FIGURE 8.8 The ScratchBoard Watcher gives you at-a-glance status of all PicoBoard sensors. You can see the Watcher in the Stage area above and to the left of the Scratch Cat
sprite.
3. In Raspbian, open a web browser and download the Scratch project called “PicoBoard Tester” (http://is.gd/ry5nra).
4. In Scratch, click File, Open and navigate to the PicoBoard Tester project. Open the project and click the Green Flag icon to run it.
5. On the PicoBoard, jog the slider back and forth. Note both the graphical element on the Stage as well as the watcher readout value.
Note: The Difference Between the ScratchBoard and the PicoBoard?
The MIT Learning Lab people originally developed the PicoBoard; the device was initially yellow and carried the name Scratch Sensor Board.
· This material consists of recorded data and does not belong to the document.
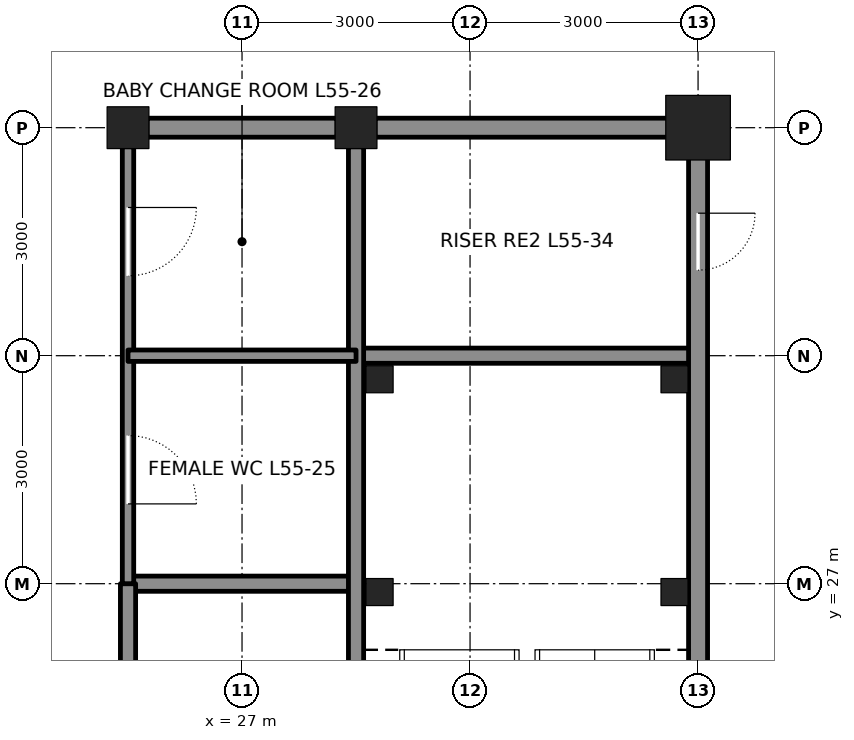
"""IFC4 building model, lengths in metres.
Left out: names, types, materials, properties, quantities, classifications, styles, units other than length and angle.
Written with IfcOpenShell. Run it as: python <this file> out.ifc"""

import sys

from ifc_helpers import new_model, si_unit, direction, frame, frame_2d, origin, origin_2d, place, context, subcontext, project, spatial, rectangle, hollow_rectangle, extrude, element, fill, save


model = new_model("IFC4")
c1 = context("Model", 3, precision=1e-05, world=origin(), true_north=direction((0.0, 1.0)))
c2 = subcontext(c1, "Body", "Model", "MODEL_VIEW")
j1 = project(units=[si_unit("LENGTHUNIT", "METRE"), si_unit("PLANEANGLEUNIT", "RADIAN")], contexts=[c1])
p1 = place(None, origin())
s1 = spatial("IfcSite", under=j1, at=p1, CompositionType="ELEMENT")
p2 = place(p1, origin())
s2 = spatial("IfcBuilding", under=s1, at=p2, CompositionType="ELEMENT")
p3 = place(p2, frame((0.0, 0.0, 247.5)))
s3 = spatial("IfcBuildingStorey", under=s2, at=p3, CompositionType="ELEMENT", Elevation=247.5)
for number, where, z_axis, x_axis in (
    (1, (25.5, 33.0, 0.0), (0.0, 0.0, 1.0), (1.0, 0.0, 0.0)),
    (2, (28.5, 33.0, 0.0), (0.0, 0.0, 1.0), (1.0, 0.0, 0.0)),
):
    element("IfcColumn", number, at=place(p3, frame(where, z_axis=z_axis, x_axis=x_axis)), inside=s3, PredefinedType="COLUMN", context=c2, shape_type="SweptSolid", body=[
        extrude(hollow_rectangle(XDim=0.55, YDim=0.55, WallThickness=0.045, at=origin_2d()), origin(), (0.0, 0.0, 1.0), 4.2),
    ])
p4 = place(p3, frame((33.0, 33.0, 0.0), z_axis=(0.0, 0.0, 1.0), x_axis=(1.0, 0.0, 0.0)))
e3 = element("IfcColumn", 3, at=p4, inside=s3, PredefinedType="COLUMN", context=c2, shape_type="SweptSolid", body=[
    extrude(hollow_rectangle(XDim=0.85, YDim=0.85, WallThickness=0.085, at=origin_2d()), origin(), (0.0, 0.0, 1.0), 4.2),
])
p5 = place(p3, frame((25.5, 27.0, 0.0), z_axis=(0.0, 0.0, 1.0), x_axis=(1.0, 0.0, 0.0)))
e4 = element("IfcWall", 4, at=p5, inside=s3, PredefinedType="SOLIDWALL", context=c2, shape_type="SweptSolid", body=[
    extrude(rectangle(XDim=3.0, YDim=0.2, at=frame_2d((1.5, 0.0))), origin(), (0.0, 0.0, 1.0), 4.04),
])
p6 = place(p3, frame((28.5, 30.0, 0.0), z_axis=(0.0, 0.0, 1.0), x_axis=(1.0, 0.0, 0.0)))
e5 = element("IfcWall", 5, at=p6, inside=s3, PredefinedType="SOLIDWALL", context=c2, shape_type="SweptSolid", body=[
    extrude(rectangle(XDim=4.5, YDim=0.2, at=frame_2d((2.25, 0.0))), origin(), (0.0, 0.0, 1.0), 4.04),
])
p7 = place(p3, frame((25.75, 33.0, 0.0), z_axis=(0.0, 0.0, 1.0), x_axis=(1.0, 0.0, 0.0)))
e6 = element("IfcWall", 6, at=p7, inside=s3, PredefinedType="SOLIDWALL", context=c2, shape_type="SweptSolid", body=[
    extrude(rectangle(XDim=2.5, YDim=0.25, at=frame_2d((1.25, 0.0))), origin(), (0.0, 0.0, 1.0), 3.181),
])
p8 = place(p3, frame((28.75, 33.0, 0.0), z_axis=(0.0, 0.0, 1.0), x_axis=(1.0, 0.0, 0.0)))
e7 = element("IfcWall", 7, at=p8, inside=s3, PredefinedType="SOLIDWALL", context=c2, shape_type="SweptSolid", body=[
    extrude(rectangle(XDim=4.0, YDim=0.25, at=frame_2d((2.0, 0.0))), origin(), (0.0, 0.0, 1.0), 3.181),
])
p9 = place(p3, frame((25.5, 15.0, 0.0), z_axis=(0.0, 0.0, 1.0), x_axis=(0.0, 1.0, 0.0)))
e8 = element("IfcWall", 8, at=p9, inside=s3, PredefinedType="SOLIDWALL", context=c2, shape_type="SweptSolid", body=[
    extrude(rectangle(XDim=12.0, YDim=0.2, at=frame_2d((6.0, 0.0))), origin(), (0.0, 0.0, 1.0), 3.065),
])
p10 = place(p3, frame((25.5, 27.0, 0.0), z_axis=(0.0, 0.0, 1.0), x_axis=(0.0, 1.0, 0.0)))
e9 = element("IfcWall", 9, at=p10, inside=s3, PredefinedType="PARTITIONING", context=c2, shape_type="SweptSolid", body=[
    extrude(rectangle(XDim=5.75, YDim=0.15, at=frame_2d((2.875, 0.0))), origin(), (0.0, 0.0, 1.0), 3.065),
])
p11 = place(p10, frame((1.05, 0.0, 0.0)))
e10 = element("IfcOpeningElement", 10, at=p11, cuts=e9, PredefinedType="OPENING", context=c2, shape_type="SweptSolid", body=[
    extrude(rectangle(XDim=0.9, YDim=2.1, at=frame_2d((0.45, 1.05))), frame((0.0, 0.085, 0.0), z_axis=(0.0, -1.0, 0.0), x_axis=(1.0, 0.0, 0.0)), (0.0, 0.0, 1.0), 0.17),
])
p12 = place(p10, frame((4.05, 0.0, 0.0)))
e11 = element("IfcOpeningElement", 11, at=p12, cuts=e9, PredefinedType="OPENING", context=c2, shape_type="SweptSolid", body=[
    extrude(rectangle(XDim=0.9, YDim=2.1, at=frame_2d((0.45, 1.05))), frame((0.0, 0.085, 0.0), z_axis=(0.0, -1.0, 0.0), x_axis=(1.0, 0.0, 0.0)), (0.0, 0.0, 1.0), 0.17),
])
p13 = place(p3, frame((28.5, 24.25, 0.0), z_axis=(0.0, 0.0, 1.0), x_axis=(0.0, 1.0, 0.0)))
e12 = element("IfcWall", 12, at=p13, inside=s3, PredefinedType="SOLIDWALL", context=c2, shape_type="SweptSolid", body=[
    extrude(rectangle(XDim=8.5, YDim=0.2, at=frame_2d((4.25, 0.0))), origin(), (0.0, 0.0, 1.0), 3.113),
])
p14 = place(p3, frame((33.0, 24.25, 0.0), z_axis=(0.0, 0.0, 1.0), x_axis=(0.0, 1.0, 0.0)))
e13 = element("IfcWall", 13, at=p14, inside=s3, PredefinedType="SOLIDWALL", context=c2, shape_type="SweptSolid", body=[
    extrude(rectangle(XDim=8.5, YDim=0.25, at=frame_2d((4.25, 0.0))), origin(), (0.0, 0.0, 1.0), 3.113),
])
p15 = place(p14, frame((6.875, 0.0, 0.0)))
e14 = element("IfcOpeningElement", 14, at=p15, cuts=e13, PredefinedType="OPENING", context=c2, shape_type="SweptSolid", body=[
    extrude(rectangle(XDim=0.75, YDim=2.1, at=frame_2d((0.375, 1.05))), frame((0.0, 0.135, 0.0), z_axis=(0.0, -1.0, 0.0), x_axis=(1.0, 0.0, 0.0)), (0.0, 0.0, 1.0), 0.27),
])
p16 = place(p3, frame((25.5, 30.0, 0.0), z_axis=(0.0, 0.0, 1.0), x_axis=(1.0, 0.0, 0.0)))
e15 = element("IfcWall", 15, at=p16, inside=s3, PredefinedType="PARTITIONING", context=c2, shape_type="SweptSolid", body=[
    extrude(rectangle(XDim=3.0, YDim=0.15, at=frame_2d((1.5, 0.0))), origin(), (0.0, 0.0, 1.0), 4.04),
])
for number, where, z_axis, x_axis in (
    (16, (28.81, 29.69, 0.0), (0.0, 0.0, 1.0), (1.0, 0.0, 0.0)),
    (17, (32.69, 29.69, 0.0), (0.0, 0.0, 1.0), (1.0, 0.0, 0.0)),
    (18, (28.81, 26.89, 0.0), (0.0, 0.0, 1.0), (1.0, 0.0, 0.0)),
    (19, (32.69, 26.89, 0.0), (0.0, 0.0, 1.0), (1.0, 0.0, 0.0)),
):
    element("IfcColumn", number, at=place(p3, frame(where, z_axis=z_axis, x_axis=x_axis)), inside=s3, PredefinedType="COLUMN", context=c2, shape_type="SweptSolid", body=[
        extrude(hollow_rectangle(XDim=0.356, YDim=0.356, WallThickness=0.009, at=origin_2d()), origin(), (0.0, 0.0, 1.0), 4.2),
    ])
p17 = place(p15, frame((0.75, 0.0, 0.0), z_axis=(0.0, 0.0, 1.0), x_axis=(-1.0, 0.0, 0.0)))
e20 = element("IfcDoor", 20, at=p17, inside=s3, OperationType="SINGLE_SWING_LEFT", PredefinedType="DOOR", context=c2, shape_type="SweptSolid", body=[
    extrude(rectangle(XDim=0.75, YDim=2.1, at=frame_2d((0.375, 1.05))), frame((0.0, 0.025, 0.0), z_axis=(0.0, -1.0, 0.0), x_axis=(1.0, 0.0, 0.0)), (0.0, 0.0, 1.0), 0.05),
])
fill(e14, e20)
p18 = place(p11, frame((0.9, 0.0, 0.0), z_axis=(0.0, 0.0, 1.0), x_axis=(-1.0, 0.0, 0.0)))
e21 = element("IfcDoor", 21, at=p18, inside=s3, OperationType="SINGLE_SWING_RIGHT", PredefinedType="DOOR", context=c2, shape_type="SweptSolid", body=[
    extrude(rectangle(XDim=0.9, YDim=2.1, at=frame_2d((0.45, 1.05))), frame((0.0, 0.025, 0.0), z_axis=(0.0, -1.0, 0.0), x_axis=(1.0, 0.0, 0.0)), (0.0, 0.0, 1.0), 0.05),
])
fill(e10, e21)
p19 = place(p12, frame((0.9, 0.0, 0.0), z_axis=(0.0, 0.0, 1.0), x_axis=(-1.0, 0.0, 0.0)))
e22 = element("IfcDoor", 22, at=p19, inside=s3, OperationType="SINGLE_SWING_LEFT", PredefinedType="DOOR", context=c2, shape_type="SweptSolid", body=[
    extrude(rectangle(XDim=0.9, YDim=2.1, at=frame_2d((0.45, 1.05))), frame((0.0, 0.025, 0.0), z_axis=(0.0, -1.0, 0.0), x_axis=(1.0, 0.0, 0.0)), (0.0, 0.0, 1.0), 0.05),
])
fill(e11, e22)
save(model, sys.argv[1])

Before too long, ownership of the project changed hands a couple of times. Now Sparkfun Electronics owns the hardware; to celebrate they renamed the device PicoBoard and gave the PCB a nice red paint job.
6. Snap your fingers. Again, observe both the program’s graphical display as well as the value on the watcher. You’ll find that the PicoBoard microphone is pretty darned
sensitive!
7. Pick up your PicoBoard (carefully) and hold it close to a nearby light. By contrast, slowly cover up the light sensor with your cupped hand. Observe value changes in the Scratch project.
8. Click the tactile pushbutton on the PicoBoard and watch for changes in the Scratch app.
9. Finally, plug in one of the alligator clip pairs and touch the alligator clip metal ends together. Note the changes in the Scratch program that indicate you’ve completed a zero-resistance circuit between the probes.
Two final points to consider regarding this final project:
Try building your own sprites that take actions based on PicoBoard-detected events.
Remember to scour the source code of any project you download from the Scratch website.
You can learn a lot about best (and worst) practices by studying how other Scratchers think and develop their apps.
Chapter 9. Programming Raspberry Pi with Scratch—Next Steps
If you invested the necessary time to practice the Scratch programming skills you learned in Chapter 8, “Programming Raspberry Pi with Scratch—Beginnings,” you are ready to take the next step by developing and sharing a full-fledged Scratch application.
In this chapter, you learn how to create a pretty neat game, if I do say so myself. You’ve even got my blessing to remix the game and submit it to the Scratch Projects website (if you don’t know what remixing means, don’t worry—I cover that later on).
Note: Version Control, Revisited
As you learned in Chapter 8, the Scratch Team at the MIT Media Lab has upgraded their website, promotional materials, and the development environment itself to Scratch 2.0. Although Scratch 2.0 on its surface looks very different from Scratch 1.4, don’t be daunted. Everything you learned in the previous chapter and everything you learn in this chapter carries over root and branch from Scratch 1.4 to Scratch 2.0. Besides, this book is about the Raspi, and Raspi includes Scratch 1.4.